Esistono più di una differenza tra olio filtrato e olio non filtrato e risultano meno intuitive di quanto si possa immaginare. È bene anticipare che la qualità del prodotto c’entra poco.

Se non conoscete la differenza tra olio filtrato e olio non filtrato è consigliabile impararla, specialmente per fare un acquisto più consapevole e per ragioni legate alla conservazione. Prima di chiarirla bisogna sapere che la prima fase del processo di produzione dell’olio, come noto, prevede la spremitura delle olive tramite il frantoio. Da questa fase iniziale si ricava una prima «pasta di olive» chiamata sansa.

Olio filtrato

olio filtrato

L’olio filtrato ha un aspetto limpido e si ottiene, appunto, dal filtraggio della «sansa». Ossia, dall’eliminazione della componente di acqua e di frammenti di oliva dalla parte oleosa. Il processo viene attuato avvalendosi di un apposito filtro a cartone, il quale permette una lavorazione rapida ed efficace. Il risultato sarà un prodotto meglio conservabile e più stabile, meno sensibile ai cambiamenti fisici dell’ambiente in cui viene riposto.
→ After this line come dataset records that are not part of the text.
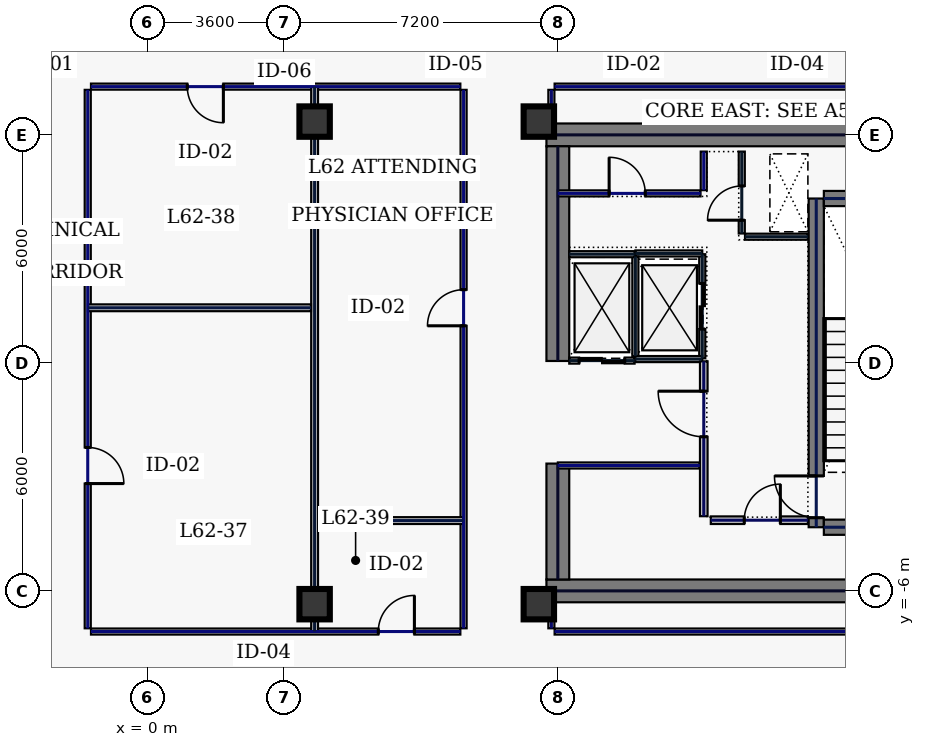
"""IFC4 building model, lengths in metres.
Left out: names, types, materials, properties, quantities, classifications, styles, units other than length and angle.
Written with IfcOpenShell. Run it as: python <this file> out.ifc"""

import sys

from ifc_helpers import new_model, si_unit, direction, frame, frame_2d, origin, origin_2d, place, context, subcontext, project, spatial, rectangle, hollow_rectangle, extrude, element, fill, save


model = new_model("IFC4")
c1 = context("Model", 3, precision=1e-05, world=origin(), true_north=direction((0.0, 1.0)))
c2 = subcontext(c1, "Body", "Model", "MODEL_VIEW")
j1 = project(units=[si_unit("LENGTHUNIT", "METRE"), si_unit("PLANEANGLEUNIT", "RADIAN")], contexts=[c1])
p1 = place(None, origin())
s1 = spatial("IfcSite", under=j1, at=p1, CompositionType="ELEMENT")
p2 = place(p1, origin())
s2 = spatial("IfcBuilding", under=s1, at=p2, CompositionType="ELEMENT")
p3 = place(p2, frame((0.0, 0.0, 267.0)))
s3 = spatial("IfcBuildingStorey", under=s2, at=p3, CompositionType="ELEMENT", Elevation=267.0)
for number, where, z_axis, x_axis in (
    (1, (10.5, 6.0, 0.0), (0.0, 0.0, 1.0), (1.0, 0.0, 0.0)),
    (2, (10.5, -6.0, 0.0), (0.0, 0.0, 1.0), (1.0, 0.0, 0.0)),
):
    element("IfcWall", number, at=place(p3, frame(where, z_axis=z_axis, x_axis=x_axis)), inside=s3, PredefinedType="SHEAR", context=c2, shape_type="SweptSolid", body=[
        extrude(rectangle(XDim=11.5, YDim=0.6, at=frame_2d((5.75, 0.0))), origin(), (0.0, 0.0, 1.0), 3.68),
    ])
p4 = place(p3, frame((10.8, -5.7, 0.0), z_axis=(0.0, 0.0, 1.0), x_axis=(0.0, 1.0, 0.0)))
e3 = element("IfcWall", 3, at=p4, inside=s3, PredefinedType="SHEAR", context=c2, shape_type="SweptSolid", body=[
    extrude(rectangle(XDim=3.05, YDim=0.6, at=frame_2d((1.525, 0.0))), origin(), (0.0, 0.0, 1.0), 3.68),
])
p5 = place(p3, frame((10.8, 0.05, 0.0), z_axis=(0.0, 0.0, 1.0), x_axis=(0.0, 1.0, 0.0)))
e4 = element("IfcWall", 4, at=p5, inside=s3, PredefinedType="SHEAR", context=c2, shape_type="SweptSolid", body=[
    extrude(rectangle(XDim=5.65, YDim=0.6, at=frame_2d((2.825, 0.0))), origin(), (0.0, 0.0, 1.0), 3.68),
])
p6 = place(p3, frame((17.6, -4.325, 0.0), z_axis=(0.0, 0.0, 1.0), x_axis=(0.0, 1.0, 0.0)))
e5 = element("IfcWall", 5, at=p6, inside=s3, PredefinedType="SHEAR", context=c2, shape_type="SweptSolid", body=[
    extrude(rectangle(XDim=8.65, YDim=0.4, at=frame_2d((4.325, 0.0))), origin(), (0.0, 0.0, 1.0), 3.68),
])
p7 = place(p6, frame((0.25, 0.0, 0.0)))
e6 = element("IfcOpeningElement", 6, at=p7, cuts=e5, PredefinedType="OPENING", context=c2, shape_type="SweptSolid", body=[
    extrude(rectangle(XDim=1.1, YDim=2.2, at=frame_2d((0.55, 1.1))), frame((0.0, 0.21, 0.0), z_axis=(0.0, -1.0, 0.0), x_axis=(1.0, 0.0, 0.0)), (0.0, 0.0, 1.0), 0.42),
])
for number, where, z_axis, x_axis in (
    (7, (17.8, -4.325, 0.0), (0.0, 0.0, 1.0), (1.0, 0.0, 0.0)),
    (8, (17.8, 4.325, 0.0), (0.0, 0.0, 1.0), (1.0, 0.0, 0.0)),
):
    element("IfcWall", number, at=place(p3, frame(where, z_axis=z_axis, x_axis=x_axis)), inside=s3, PredefinedType="SHEAR", context=c2, shape_type="SweptSolid", body=[
        extrude(rectangle(XDim=3.4, YDim=0.4, at=frame_2d((1.7, 0.0))), origin(), (0.0, 0.0, 1.0), 3.68),
    ])
for number, where, z_axis, x_axis in (
    (9, (10.3, -6.35, 0.0), (0.0, 0.0, 1.0), (1.0, 0.0, 0.0)),
    (10, (10.3, 6.35, 0.0), (0.0, 0.0, 1.0), (1.0, 0.0, 0.0)),
    (11, (4.4, -6.35, 0.0), (0.0, 0.0, 1.0), (1.0, 0.0, 0.0)),
    (12, (4.4, 6.35, 0.0), (0.0, 0.0, 1.0), (1.0, 0.0, 0.0)),
):
    element("IfcColumn", number, at=place(p3, frame(where, z_axis=z_axis, x_axis=x_axis)), inside=s3, PredefinedType="COLUMN", context=c2, shape_type="SweptSolid", body=[
        extrude(hollow_rectangle(XDim=0.8, YDim=0.8, WallThickness=0.036, at=origin_2d()), origin(), (0.0, 0.0, 1.0), 3.68),
    ])
p8 = place(p3, frame((14.6, 0.12, 0.0), z_axis=(0.0, 0.0, 1.0), x_axis=(0.0, 1.0, 0.0)))
e13 = element("IfcWall", 13, at=p8, inside=s3, PredefinedType="PARTITIONING", context=c2, shape_type="SweptSolid", body=[
    extrude(rectangle(XDim=2.74, YDim=0.16, at=frame_2d((1.37, 0.0))), origin(), (0.0, 0.0, 1.0), 3.68),
])
p9 = place(p8, frame((0.77, 0.0, 0.0)))
e14 = element("IfcOpeningElement", 14, at=p9, cuts=e13, PredefinedType="OPENING", context=c2, shape_type="SweptSolid", body=[
    extrude(rectangle(XDim=1.2, YDim=2.2, at=frame_2d((0.6, 1.1))), frame((0.0, 0.09, 0.0), z_axis=(0.0, -1.0, 0.0), x_axis=(1.0, 0.0, 0.0)), (0.0, 0.0, 1.0), 0.18),
])
for number, where, z_axis, x_axis in (
    (15, (12.84, 0.1, 0.0), (0.0, 0.0, 1.0), (1.0, 0.0, 0.0)),
    (16, (12.84, 2.88, 0.0), (0.0, 0.0, 1.0), (1.0, 0.0, 0.0)),
):
    element("IfcWall", number, at=place(p3, frame(where, z_axis=z_axis, x_axis=x_axis)), inside=s3, PredefinedType="PARTITIONING", context=c2, shape_type="SweptSolid", body=[
        extrude(rectangle(XDim=1.76, YDim=0.16, at=frame_2d((0.88, 0.0))), origin(), (0.0, 0.0, 1.0), 3.68),
    ])
p10 = place(p3, frame((12.84, 0.18, 0.0), z_axis=(0.0, 0.0, 1.0), x_axis=(0.0, 1.0, 0.0)))
e17 = element("IfcWall", 17, at=p10, inside=s3, PredefinedType="PARTITIONING", context=c2, shape_type="SweptSolid", body=[
    extrude(rectangle(XDim=2.62, YDim=0.16, at=frame_2d((1.31, 0.0))), origin(), (0.0, 0.0, 1.0), 3.68),
])
p11 = place(p3, frame((11.1, 0.06, 0.0), z_axis=(0.0, 0.0, 1.0), x_axis=(1.0, 0.0, 0.0)))
e18 = element("IfcWall", 18, at=p11, inside=s3, PredefinedType="PARTITIONING", context=c2, shape_type="SweptSolid", body=[
    extrude(rectangle(XDim=1.72, YDim=0.16, at=frame_2d((0.86, 0.0))), origin(), (0.0, 0.0, 1.0), 3.68),
])
p12 = place(p11, frame((0.26, 0.0, 0.0)))
e19 = element("IfcOpeningElement", 19, at=p12, cuts=e18, PredefinedType="OPENING", context=c2, shape_type="SweptSolid", body=[
    extrude(rectangle(XDim=1.2, YDim=2.2, at=frame_2d((0.6, 1.1))), frame((0.0, 0.09, 0.0), z_axis=(0.0, -1.0, 0.0), x_axis=(1.0, 0.0, 0.0)), (0.0, 0.0, 1.0), 0.18),
])
p13 = place(p3, frame((11.1, 2.86, 0.0), z_axis=(0.0, 0.0, 1.0), x_axis=(1.0, 0.0, 0.0)))
e20 = element("IfcWall", 20, at=p13, inside=s3, PredefinedType="PARTITIONING", context=c2, shape_type="SweptSolid", body=[
    extrude(rectangle(XDim=1.72, YDim=0.16, at=frame_2d((0.86, 0.0))), origin(), (0.0, 0.0, 1.0), 3.68),
])
p14 = place(p3, frame((15.64, 3.405, 0.0), z_axis=(0.0, 0.0, 1.0), x_axis=(0.0, 1.0, 0.0)))
e21 = element("IfcWall", 21, at=p14, inside=s3, PredefinedType="PARTITIONING", context=c2, shape_type="SweptSolid", body=[
    extrude(rectangle(XDim=2.155, YDim=0.16, at=frame_2d((1.078, 0.0))), origin(), (0.0, 0.0, 1.0), 3.68),
])
p15 = place(p14, frame((0.35, 0.0, 0.0)))
e22 = element("IfcOpeningElement", 22, at=p15, cuts=e21, PredefinedType="OPENING", context=c2, shape_type="SweptSolid", body=[
    extrude(rectangle(XDim=0.9, YDim=2.2, at=frame_2d((0.45, 1.1))), frame((0.0, 0.09, 0.0), z_axis=(0.0, -1.0, 0.0), x_axis=(1.0, 0.0, 0.0)), (0.0, 0.0, 1.0), 0.18),
])
p16 = place(p3, frame((15.725, 3.32, 0.0), z_axis=(0.0, 0.0, 1.0), x_axis=(1.0, 0.0, 0.0)))
e23 = element("IfcWall", 23, at=p16, inside=s3, PredefinedType="PARTITIONING", context=c2, shape_type="SweptSolid", body=[
    extrude(rectangle(XDim=1.655, YDim=0.16, at=frame_2d((0.827, 0.0))), origin(), (0.0, 0.0, 1.0), 3.68),
])
p17 = place(p3, frame((14.825, -4.14, 0.0), z_axis=(0.0, 0.0, 1.0), x_axis=(1.0, 0.0, 0.0)))
e24 = element("IfcWall", 24, at=p17, inside=s3, PredefinedType="SOLIDWALL", context=c2, shape_type="SweptSolid", body=[
    extrude(rectangle(XDim=2.555, YDim=0.2, at=frame_2d((1.277, 0.0))), origin(), (0.0, 0.0, 1.0), 3.68),
])
p18 = place(p17, frame((0.88, 0.0, 0.0)))
e25 = element("IfcOpeningElement", 25, at=p18, cuts=e24, PredefinedType="OPENING", context=c2, shape_type="SweptSolid", body=[
    extrude(rectangle(XDim=0.95, YDim=2.2, at=frame_2d((0.475, 1.1))), frame((0.0, 0.11, 0.0), z_axis=(0.0, -1.0, 0.0), x_axis=(1.0, 0.0, 0.0)), (0.0, 0.0, 1.0), 0.22),
])
p19 = place(p3, frame((10.8, -2.7, 0.0), z_axis=(0.0, 0.0, 1.0), x_axis=(1.0, 0.0, 0.0)))
e26 = element("IfcWall", 26, at=p19, inside=s3, PredefinedType="PARTITIONING", context=c2, shape_type="SweptSolid", body=[
    extrude(rectangle(XDim=3.735, YDim=0.16, at=frame_2d((1.867, 0.0))), origin(), (0.0, 0.0, 1.0), 3.68),
])
p20 = place(p3, frame((10.8, 4.46, 0.0), z_axis=(0.0, 0.0, 1.0), x_axis=(1.0, 0.0, 0.0)))
e27 = element("IfcWall", 27, at=p20, inside=s3, PredefinedType="PARTITIONING", context=c2, shape_type="SweptSolid", body=[
    extrude(rectangle(XDim=3.755, YDim=0.16, at=frame_2d((1.877, 0.0))), origin(), (0.0, 0.0, 1.0), 3.68),
])
p21 = place(p20, frame((1.35, 0.0, 0.0)))
e28 = element("IfcOpeningElement", 28, at=p21, cuts=e27, PredefinedType="OPENING", context=c2, shape_type="SweptSolid", body=[
    extrude(rectangle(XDim=0.95, YDim=2.2, at=frame_2d((0.475, 1.1))), frame((0.0, 0.09, 0.0), z_axis=(0.0, -1.0, 0.0), x_axis=(1.0, 0.0, 0.0)), (0.0, 0.0, 1.0), 0.18),
])
p22 = place(p3, frame((14.64, 4.545, 0.0), z_axis=(0.0, 0.0, 1.0), x_axis=(0.0, 1.0, 0.0)))
e29 = element("IfcWall", 29, at=p22, inside=s3, PredefinedType="PARTITIONING", context=c2, shape_type="SweptSolid", body=[
    extrude(rectangle(XDim=1.015, YDim=0.16, at=frame_2d((0.508, 0.0))), origin(), (0.0, 0.0, 1.0), 3.68),
])
p23 = place(p3, frame((14.64, -4.035, 0.0), z_axis=(0.0, 0.0, 1.0), x_axis=(0.0, 1.0, 0.0)))
e30 = element("IfcWall", 30, at=p23, inside=s3, PredefinedType="SOLIDWALL", context=c2, shape_type="SweptSolid", body=[
    extrude(rectangle(XDim=4.075, YDim=0.2, at=frame_2d((2.038, 0.0))), origin(), (0.0, 0.0, 1.0), 3.68),
])
p24 = place(p23, frame((2.09, 0.0, 0.0)))
e31 = element("IfcOpeningElement", 31, at=p24, cuts=e30, PredefinedType="OPENING", context=c2, shape_type="SweptSolid", body=[
    extrude(rectangle(XDim=1.2, YDim=2.2, at=frame_2d((0.6, 1.1))), frame((0.0, 0.11, 0.0), z_axis=(0.0, -1.0, 0.0), x_axis=(1.0, 0.0, 0.0)), (0.0, 0.0, 1.0), 0.22),
])
p25 = place(p3, frame((22.585, 7.27, 0.0), z_axis=(0.0, 0.0, 1.0), x_axis=(-1.0, 0.0, 0.0)))
e32 = element("IfcWall", 32, at=p25, inside=s3, PredefinedType="PARTITIONING", context=c2, shape_type="SweptSolid", body=[
    extrude(rectangle(XDim=11.87, YDim=0.16, at=frame_2d((5.935, 0.0))), origin(), (0.0, 0.0, 1.0), 3.68),
])
p26 = place(p3, frame((10.63, 7.185, 0.0), z_axis=(0.0, 0.0, 1.0), x_axis=(0.0, -1.0, 0.0)))
e33 = element("IfcWall", 33, at=p26, inside=s3, PredefinedType="PARTITIONING", context=c2, shape_type="SweptSolid", body=[
    extrude(rectangle(XDim=0.765, YDim=0.16, at=frame_2d((0.383, 0.0))), origin(), (0.0, 0.0, 1.0), 1.475),
])
p27 = place(p3, frame((10.63, -6.42, 0.0), z_axis=(0.0, 0.0, 1.0), x_axis=(0.0, -1.0, 0.0)))
e34 = element("IfcWall", 34, at=p27, inside=s3, PredefinedType="PARTITIONING", context=c2, shape_type="SweptSolid", body=[
    extrude(rectangle(XDim=0.565, YDim=0.16, at=frame_2d((0.283, 0.0))), origin(), (0.0, 0.0, 1.0), 1.475),
])
p28 = place(p3, frame((10.715, -7.07, 0.0), z_axis=(0.0, 0.0, 1.0), x_axis=(1.0, 0.0, 0.0)))
e35 = element("IfcWall", 35, at=p28, inside=s3, PredefinedType="PARTITIONING", context=c2, shape_type="SweptSolid", body=[
    extrude(rectangle(XDim=11.87, YDim=0.16, at=frame_2d((5.935, 0.0))), origin(), (0.0, 0.0, 1.0), 3.68),
])
p29 = place(p3, frame((8.235, 7.27, 0.0), z_axis=(0.0, 0.0, 1.0), x_axis=(-1.0, 0.0, 0.0)))
e36 = element("IfcWall", 36, at=p29, inside=s3, PredefinedType="PARTITIONING", context=c2, shape_type="SweptSolid", body=[
    extrude(rectangle(XDim=9.72, YDim=0.16, at=frame_2d((4.86, 0.0))), origin(), (0.0, 0.0, 1.0), 3.68),
])
p30 = place(p29, frame((6.236, 0.0, 0.0)))
e37 = element("IfcOpeningElement", 37, at=p30, cuts=e36, PredefinedType="OPENING", context=c2, shape_type="SweptSolid", body=[
    extrude(rectangle(XDim=0.95, YDim=2.2, at=frame_2d((0.475, 1.1))), frame((0.0, 0.09, 0.0), z_axis=(0.0, -1.0, 0.0), x_axis=(1.0, 0.0, 0.0)), (0.0, 0.0, 1.0), 0.18),
])
p31 = place(p3, frame((-1.57, 7.185, 0.0), z_axis=(0.0, 0.0, 1.0), x_axis=(0.0, -1.0, 0.0)))
e38 = element("IfcWall", 38, at=p31, inside=s3, PredefinedType="PARTITIONING", context=c2, shape_type="SweptSolid", body=[
    extrude(rectangle(XDim=14.17, YDim=0.16, at=frame_2d((7.085, 0.0))), origin(), (0.0, 0.0, 1.0), 3.68),
])
p32 = place(p31, frame((9.411, 0.0, 0.0)))
e39 = element("IfcOpeningElement", 39, at=p32, cuts=e38, PredefinedType="OPENING", context=c2, shape_type="SweptSolid", body=[
    extrude(rectangle(XDim=0.95, YDim=2.2, at=frame_2d((0.475, 1.1))), frame((0.0, 0.09, 0.0), z_axis=(0.0, -1.0, 0.0), x_axis=(1.0, 0.0, 0.0)), (0.0, 0.0, 1.0), 0.18),
])
p33 = place(p3, frame((-1.485, -7.07, 0.0), z_axis=(0.0, 0.0, 1.0), x_axis=(1.0, 0.0, 0.0)))
e40 = element("IfcWall", 40, at=p33, inside=s3, PredefinedType="PARTITIONING", context=c2, shape_type="SweptSolid", body=[
    extrude(rectangle(XDim=9.72, YDim=0.16, at=frame_2d((4.86, 0.0))), origin(), (0.0, 0.0, 1.0), 3.68),
])
p34 = place(p33, frame((7.561, 0.0, 0.0)))
e41 = element("IfcOpeningElement", 41, at=p34, cuts=e40, PredefinedType="OPENING", context=c2, shape_type="SweptSolid", body=[
    extrude(rectangle(XDim=0.95, YDim=2.2, at=frame_2d((0.475, 1.1))), frame((0.0, 0.09, 0.0), z_axis=(0.0, -1.0, 0.0), x_axis=(1.0, 0.0, 0.0)), (0.0, 0.0, 1.0), 0.18),
])
p35 = place(p3, frame((8.32, -6.985, 0.0), z_axis=(0.0, 0.0, 1.0), x_axis=(0.0, 1.0, 0.0)))
e42 = element("IfcWall", 42, at=p35, inside=s3, PredefinedType="PARTITIONING", context=c2, shape_type="SweptSolid", body=[
    extrude(rectangle(XDim=14.17, YDim=0.16, at=frame_2d((7.085, 0.0))), origin(), (0.0, 0.0, 1.0), 3.68),
])
p36 = place(p35, frame((7.961, 0.0, 0.0)))
e43 = element("IfcOpeningElement", 43, at=p36, cuts=e42, PredefinedType="OPENING", context=c2, shape_type="SweptSolid", body=[
    extrude(rectangle(XDim=0.95, YDim=2.2, at=frame_2d((0.475, 1.1))), frame((0.0, 0.09, 0.0), z_axis=(0.0, -1.0, 0.0), x_axis=(1.0, 0.0, 0.0)), (0.0, 0.0, 1.0), 0.18),
])
p37 = place(p3, frame((4.4, -7.065, 0.0), z_axis=(0.0, 0.0, 1.0), x_axis=(0.0, 1.0, 0.0)))
e44 = element("IfcWall", 44, at=p37, inside=s3, PredefinedType="PARTITIONING", context=c2, shape_type="SweptSolid", body=[
    extrude(rectangle(XDim=14.33, YDim=0.18, at=frame_2d((7.165, 0.0))), origin(), (0.0, 0.0, 1.0), 1.475),
])
p38 = place(p3, frame((-1.565, 1.45, 0.0), z_axis=(0.0, 0.0, 1.0), x_axis=(1.0, 0.0, 0.0)))
e45 = element("IfcWall", 45, at=p38, inside=s3, PredefinedType="PARTITIONING", context=c2, shape_type="SweptSolid", body=[
    extrude(rectangle(XDim=5.87, YDim=0.18, at=frame_2d((2.935, 0.0))), origin(), (0.0, 0.0, 1.0), 3.68),
])
p39 = place(p3, frame((4.495, -4.15, 0.0), z_axis=(0.0, 0.0, 1.0), x_axis=(1.0, 0.0, 0.0)))
e46 = element("IfcWall", 46, at=p39, inside=s3, PredefinedType="PARTITIONING", context=c2, shape_type="SweptSolid", body=[
    extrude(rectangle(XDim=3.82, YDim=0.18, at=frame_2d((1.91, 0.0))), origin(), (0.0, 0.0, 1.0), 3.68),
])
p40 = place(p7, origin())
e47 = element("IfcDoor", 47, at=p40, inside=s3, OperationType="SINGLE_SWING_RIGHT", PredefinedType="DOOR", context=c2, shape_type="SweptSolid", body=[
    extrude(rectangle(XDim=1.1, YDim=2.2, at=frame_2d((0.55, 1.1))), frame((0.0, 0.025, 0.0), z_axis=(0.0, -1.0, 0.0), x_axis=(1.0, 0.0, 0.0)), (0.0, 0.0, 1.0), 0.05),
])
fill(e6, e47)
p41 = place(p9, origin())
e48 = element("IfcDoor", 48, at=p41, inside=s3, OperationType="SLIDING_TO_LEFT", PredefinedType="DOOR", context=c2, shape_type="SweptSolid", body=[
    extrude(rectangle(XDim=1.2, YDim=2.2, at=frame_2d((0.6, 1.1))), frame((0.0, 0.025, 0.0), z_axis=(0.0, -1.0, 0.0), x_axis=(1.0, 0.0, 0.0)), (0.0, 0.0, 1.0), 0.05),
])
fill(e14, e48)
p42 = place(p12, origin())
e49 = element("IfcDoor", 49, at=p42, inside=s3, OperationType="SLIDING_TO_LEFT", PredefinedType="DOOR", context=c2, shape_type="SweptSolid", body=[
    extrude(rectangle(XDim=1.2, YDim=2.2, at=frame_2d((0.6, 1.1))), frame((0.0, 0.025, 0.0), z_axis=(0.0, -1.0, 0.0), x_axis=(1.0, 0.0, 0.0)), (0.0, 0.0, 1.0), 0.05),
])
fill(e19, e49)
p43 = place(p15, origin())
e50 = element("IfcDoor", 50, at=p43, inside=s3, OperationType="SINGLE_SWING_LEFT", PredefinedType="DOOR", context=c2, shape_type="SweptSolid", body=[
    extrude(rectangle(XDim=0.9, YDim=2.2, at=frame_2d((0.45, 1.1))), frame((0.0, 0.025, 0.0), z_axis=(0.0, -1.0, 0.0), x_axis=(1.0, 0.0, 0.0)), (0.0, 0.0, 1.0), 0.05),
])
fill(e22, e50)
p44 = place(p18, origin())
e51 = element("IfcDoor", 51, at=p44, inside=s3, OperationType="SINGLE_SWING_RIGHT", PredefinedType="DOOR", context=c2, shape_type="SweptSolid", body=[
    extrude(rectangle(XDim=0.95, YDim=2.2, at=frame_2d((0.475, 1.1))), frame((0.0, 0.025, 0.0), z_axis=(0.0, -1.0, 0.0), x_axis=(1.0, 0.0, 0.0)), (0.0, 0.0, 1.0), 0.05),
])
fill(e25, e51)
p45 = place(p21, origin())
e52 = element("IfcDoor", 52, at=p45, inside=s3, OperationType="SINGLE_SWING_LEFT", PredefinedType="DOOR", context=c2, shape_type="SweptSolid", body=[
    extrude(rectangle(XDim=0.95, YDim=2.2, at=frame_2d((0.475, 1.1))), frame((0.0, 0.025, 0.0), z_axis=(0.0, -1.0, 0.0), x_axis=(1.0, 0.0, 0.0)), (0.0, 0.0, 1.0), 0.05),
])
fill(e28, e52)
p46 = place(p24, origin())
e53 = element("IfcDoor", 53, at=p46, inside=s3, OperationType="SINGLE_SWING_RIGHT", PredefinedType="DOOR", context=c2, shape_type="SweptSolid", body=[
    extrude(rectangle(XDim=1.2, YDim=2.2, at=frame_2d((0.6, 1.1))), frame((0.0, 0.025, 0.0), z_axis=(0.0, -1.0, 0.0), x_axis=(1.0, 0.0, 0.0)), (0.0, 0.0, 1.0), 0.05),
])
fill(e31, e53)
p47 = place(p32, origin())
e54 = element("IfcDoor", 54, at=p47, inside=s3, OperationType="SINGLE_SWING_RIGHT", PredefinedType="DOOR", context=c2, shape_type="SweptSolid", body=[
    extrude(rectangle(XDim=0.95, YDim=2.2, at=frame_2d((0.475, 1.1))), frame((0.0, 0.025, 0.0), z_axis=(0.0, -1.0, 0.0), x_axis=(1.0, 0.0, 0.0)), (0.0, 0.0, 1.0), 0.05),
])
fill(e39, e54)
p48 = place(p30, origin())
e55 = element("IfcDoor", 55, at=p48, inside=s3, OperationType="SINGLE_SWING_LEFT", PredefinedType="DOOR", context=c2, shape_type="SweptSolid", body=[
    extrude(rectangle(XDim=0.95, YDim=2.2, at=frame_2d((0.475, 1.1))), frame((0.0, 0.025, 0.0), z_axis=(0.0, -1.0, 0.0), x_axis=(1.0, 0.0, 0.0)), (0.0, 0.0, 1.0), 0.05),
])
fill(e37, e55)
p49 = place(p34, origin())
e56 = element("IfcDoor", 56, at=p49, inside=s3, OperationType="SINGLE_SWING_RIGHT", PredefinedType="DOOR", context=c2, shape_type="SweptSolid", body=[
    extrude(rectangle(XDim=0.95, YDim=2.2, at=frame_2d((0.475, 1.1))), frame((0.0, 0.025, 0.0), z_axis=(0.0, -1.0, 0.0), x_axis=(1.0, 0.0, 0.0)), (0.0, 0.0, 1.0), 0.05),
])
fill(e41, e56)
p50 = place(p36, origin())
e57 = element("IfcDoor", 57, at=p50, inside=s3, OperationType="SINGLE_SWING_LEFT", PredefinedType="DOOR", context=c2, shape_type="SweptSolid", body=[
    extrude(rectangle(XDim=0.95, YDim=2.2, at=frame_2d((0.475, 1.1))), frame((0.0, 0.025, 0.0), z_axis=(0.0, -1.0, 0.0), x_axis=(1.0, 0.0, 0.0)), (0.0, 0.0, 1.0), 0.05),
])
fill(e43, e57)
save(model, sys.argv[1])

Inoltre, il processo non va ad inficiare la qualità dell’olio, mantenendone inalterate le proprietà nutrizionali e organolettiche

Olio non filtrato

olio non filtrato

L’olio non filtrato, invece, come suggerisce il nome stesso, non subisce quel tipo di trattamento, mantenendo intatta la miscela di olio, acqua e frammenti di oliva. Il suo aspetto è più grezzo e torbido, grazie alle particelle in sospensione, le quali conferiscono inoltre una nota aromatica più spiccata al prodotto. Di contro, invece, la conservabilità e la stabilità del prodotto, ridotta rispetto alla controparte filtrata. La componente solida, del prodotto sono infatti le principali responsabili di un decadimento accelerato dell’olio, infatti, deperendo, si trasforma in «morchia», a causa anche della componente acquosa che accelera il processo di ossidazione dei frammenti vegetali. Per questa ragione però, acquistare olio non filtrato è garanzia di freschezza. Quindi risulta consigliabile comprarlo tra ottobre e novembre, fresco di spremitura, per poi consumarlo fresco. Se si decide, invece, di conservarlo conviene, in primavera, eliminarne la «morchia» depositata, prima che va a male.